Louis Thébault-Yamaguchi 山口 瑠伊

Personal information
- Full name: Louis Takaji Julien Thébault-Yamaguchi
- Date of birth: 28 May 1998 (age 28)
- Place of birth: La Garenne-Colombes, France
- Height: 1.88 m (6 ft 2 in)
- Position: Goalkeeper

Team information
- Current team: Kawasaki Frontale
- Number: 1

Youth career
- FC Waseda
- 2011–2014: FC Tokyo
- 2014–2017: Lorient

Senior career*
- Years: Team / Apps / (Gls)
- 2017–2019: Extremadura B / 33 / (0)
- 2019–2020: Extremadura / 1 / (0)
- 2020–2021: Recreativo / 4 / (0)
- 2022–2023: Mito HollyHock / 63 / (0)
- 2024: Machida Zelvia / 0 / (0)
- 2024: → Kawasaki Frontale (loan) / 0 / (0)
- 2025–: Kawasaki Frontale / 40 / (0)

International career
- 2016: Japan U19 / 4 / (0)
- 2017: Japan U20 / 1 / (0)
- 2018–2019: Japan U23 / 4 / (0)

= Louis Yamaguchi =

Japanese footballer (born 1998)

Louis Takaji Julien Thébault-Yamaguchi (山口 瑠伊, born 28 May 1998) is a footballer who plays as a goalkeeper for J1 League club Kawasaki Frontale. Born in France, he is a former youth international for Japan.

==Club career==
Born in La Garenne-Colombes, Paris to a French father and a Japanese mother, Thébault-Yamaguchi moved to Tokyo at six months old, and returned to France at the age of 16, joining FC Lorient's youth setup. On 16 June 2017, after finishing his formation, he moved to Spanish Segunda División B side Extremadura UD, being initially assigned to the reserves.

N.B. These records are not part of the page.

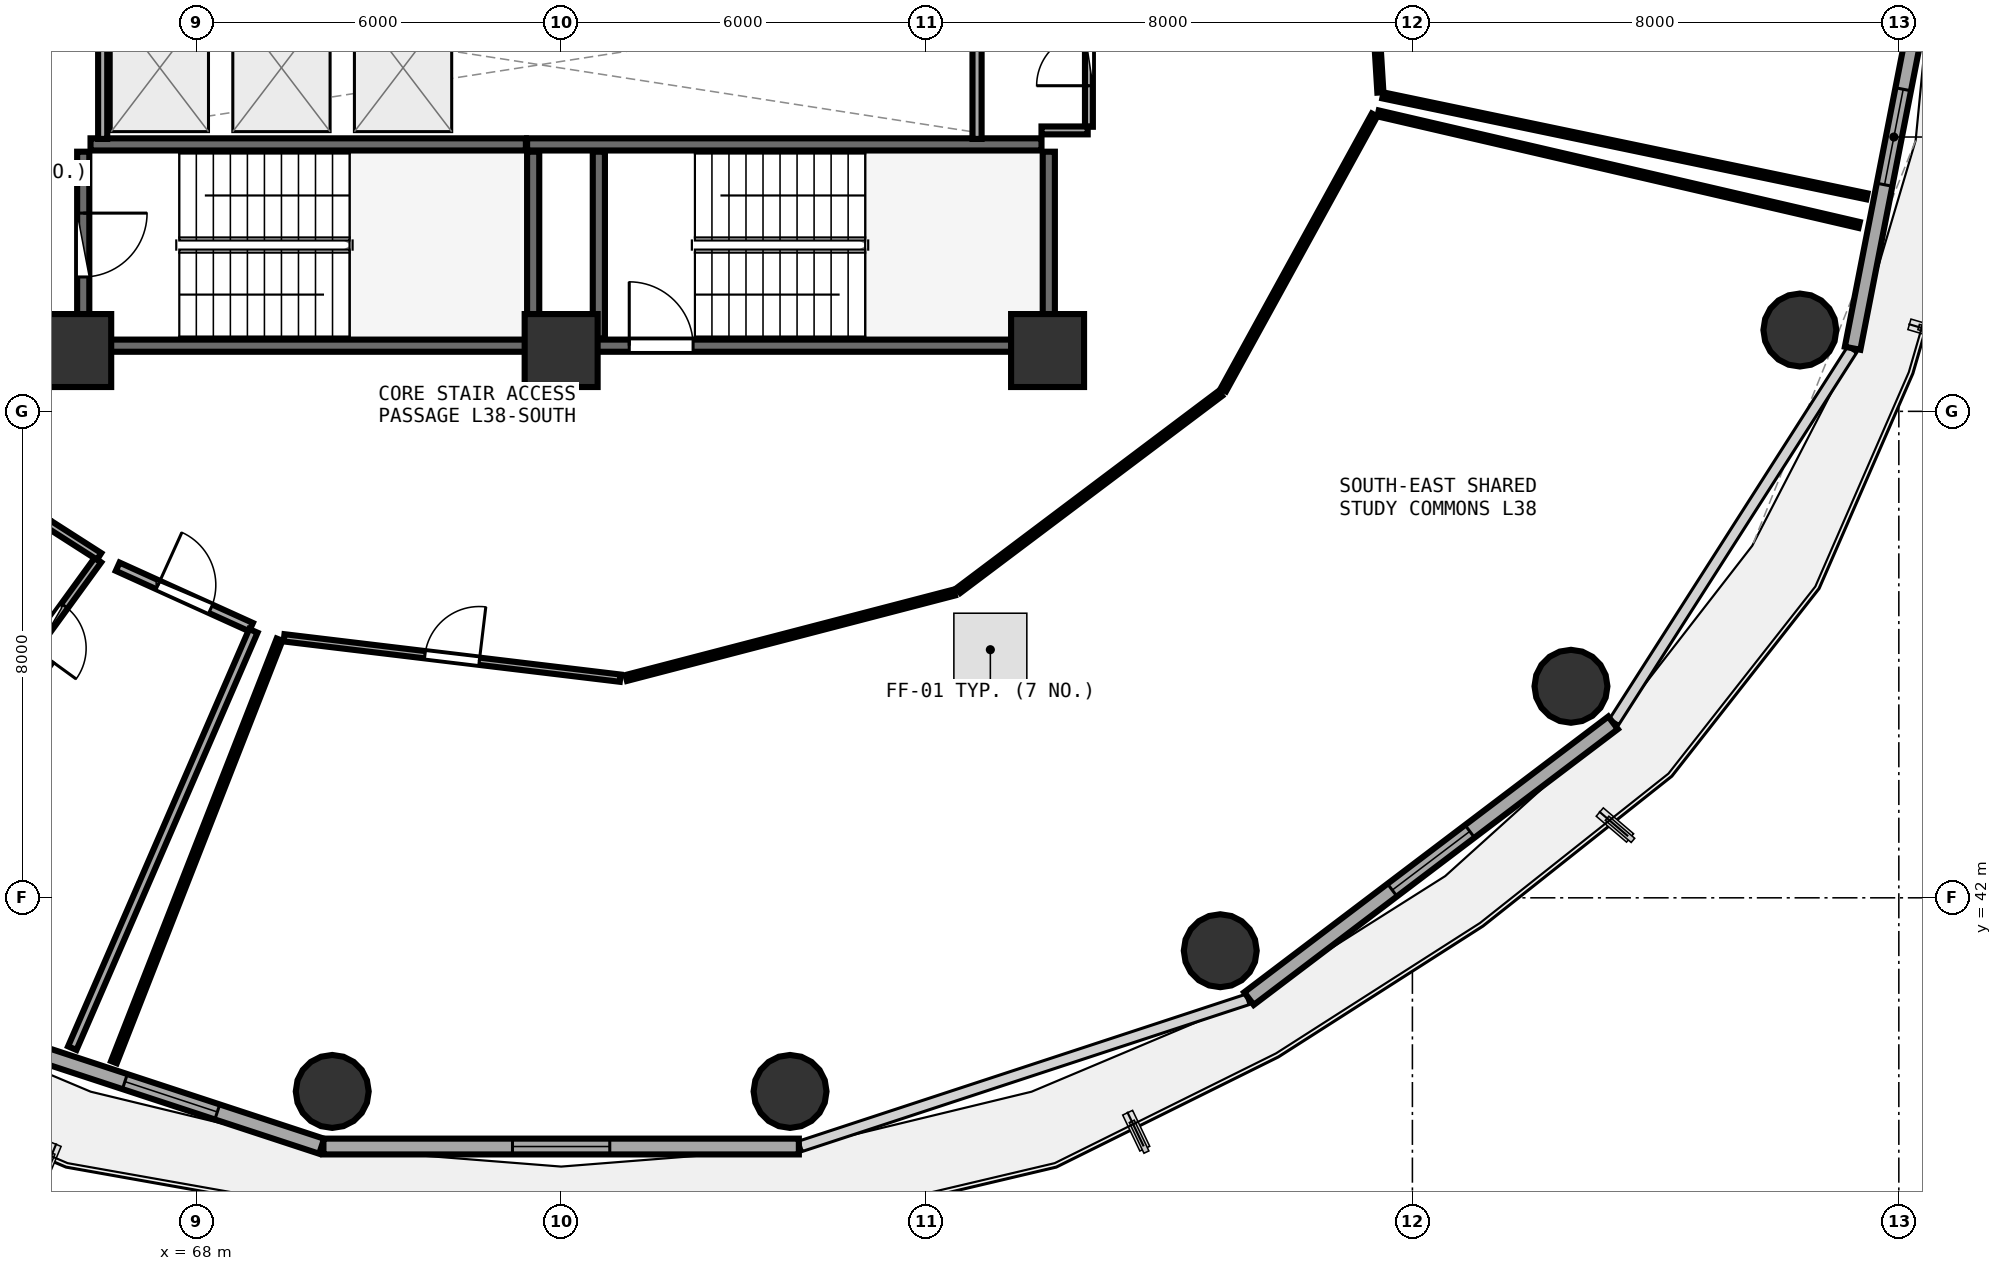
"""IFC4 building model, lengths in metres.
Left out: names, types, materials, properties, quantities, classifications, styles, units other than length and angle.
Written with IfcOpenShell. Run it as: python <this file> out.ifc"""

import sys

from ifc_helpers import new_model, si_unit, direction, frame, frame_2d, origin, origin_2d, place, context, subcontext, project, spatial, rectangle, circle, extrude, element, fill, save


model = new_model("IFC4")
c1 = context("Model", 3, precision=1e-05, world=origin(), true_north=direction((0.0, 1.0)))
c2 = subcontext(c1, "Body", "Model", "MODEL_VIEW")
j1 = project(units=[si_unit("LENGTHUNIT", "METRE"), si_unit("PLANEANGLEUNIT", "RADIAN")], contexts=[c1])
p1 = place(None, origin())
s1 = spatial("IfcSite", under=j1, at=p1, CompositionType="ELEMENT")
p2 = place(p1, origin())
s2 = spatial("IfcBuilding", under=s1, at=p2, CompositionType="ELEMENT")
p3 = place(p2, frame((0.0, 0.0, 150.6)))
s3 = spatial("IfcBuildingStorey", under=s2, at=p3, CompositionType="ELEMENT", Elevation=150.6)
for number, where, z_axis, x_axis in (
    (1, (66.0, 51.0, 0.0), (0.0, 0.0, 1.0), (1.0, 0.0, 0.0)),
    (2, (74.0, 51.0, 0.0), (0.0, 0.0, 1.0), (1.0, 0.0, 0.0)),
    (3, (82.0, 51.0, 0.0), (0.0, 0.0, 1.0), (1.0, 0.0, 0.0)),
):
    element("IfcColumn", number, at=place(p3, frame(where, z_axis=z_axis, x_axis=x_axis)), inside=s3, PredefinedType="PILASTER", context=c2, shape_type="SweptSolid", body=[
        extrude(rectangle(XDim=1.2, YDim=1.2, at=origin_2d()), origin(), (0.0, 0.0, 1.0), 3.75),
    ])
for number, where, z_axis, x_axis in (
    (4, (70.235, 38.816, 0.0), (0.0, 0.0, 1.0), (1.0, 0.0, 0.0)),
    (5, (77.765, 38.816, 0.0), (0.0, 0.0, 1.0), (1.0, 0.0, 0.0)),
    (6, (84.84, 41.13, 0.0), (0.0, 0.0, 1.0), (1.0, 0.0, 0.0)),
    (7, (90.608, 45.479, 0.0), (0.0, 0.0, 1.0), (1.0, 0.0, 0.0)),
    (8, (94.373, 51.337, 0.0), (0.0, 0.0, 1.0), (1.0, 0.0, 0.0)),
):
    element("IfcColumn", number, at=place(p3, frame(where, z_axis=z_axis, x_axis=x_axis)), inside=s3, PredefinedType="COLUMN", context=c2, shape_type="SweptSolid", body=[
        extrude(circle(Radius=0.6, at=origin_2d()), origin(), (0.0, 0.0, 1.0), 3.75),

Thébault-Yamaguchi made his professional debut on 3 September 2017, starting in a 1–0 Tercera División home lost against UD Montijo. He became a regular starter for the B-side during the following seasons, and ahead of the 2019–20 campaign, he was definitely promoted to the first team as a backup to Casto.

Thébault-Yamaguchi made his professional debut on 3 November 2019, starting in a 3–1 home loss against Girona FC in the Segunda División. He left the club in the following July, as his contract expired, and joined Recreativo de Huelva in the third division on 11 August.

After leaving Recreativo in July 2021, Thébault-Yamaguchi signed with J2 League club Mito HollyHock in January 2022. He made his club debut in a 2–1 loss to Thespakusatsu Gunma as the team's starting goalkeeper, replacing Shu Mogi.

In January 2024, Thébault-Yamaguchi joined newly promoted J1 League club FC Machida Zelvia. He appeared in one match, a 1–1 (2–4) penalty shootout loss to the fifth-division University of Tsukuba team in the Emperor's Cup, before being sent on loan to Kawasaki Frontale. Yamaguchi made his club debut for Frontale in the J.League Cup quarter-finals, keeping a clean sheet in a 1-0 win against Ventforet Kofu.

In December, it was announced that Thébault-Yamaguchi would be permanently transferred to Kawasaki Frontale. He began Frontale's 2025 campaign as their starting goalkeeper, in the process making his J1 League and AFC Champions League debuts, which were both clean sheet victories. Yamaguchi kept his starting position throughout Frontale's run to the 2025 AFC Champions League Elite final, a 2–0 defeat to Al-Ahli.

==International career==
Yamaguchi represented Japan at under-19, under-20 and under-23 levels. He was a member of the Japanese squad at the 2017 FIFA U-20 World Cup, and the squad that finished runners-up in the 2019 Toulon Tournament.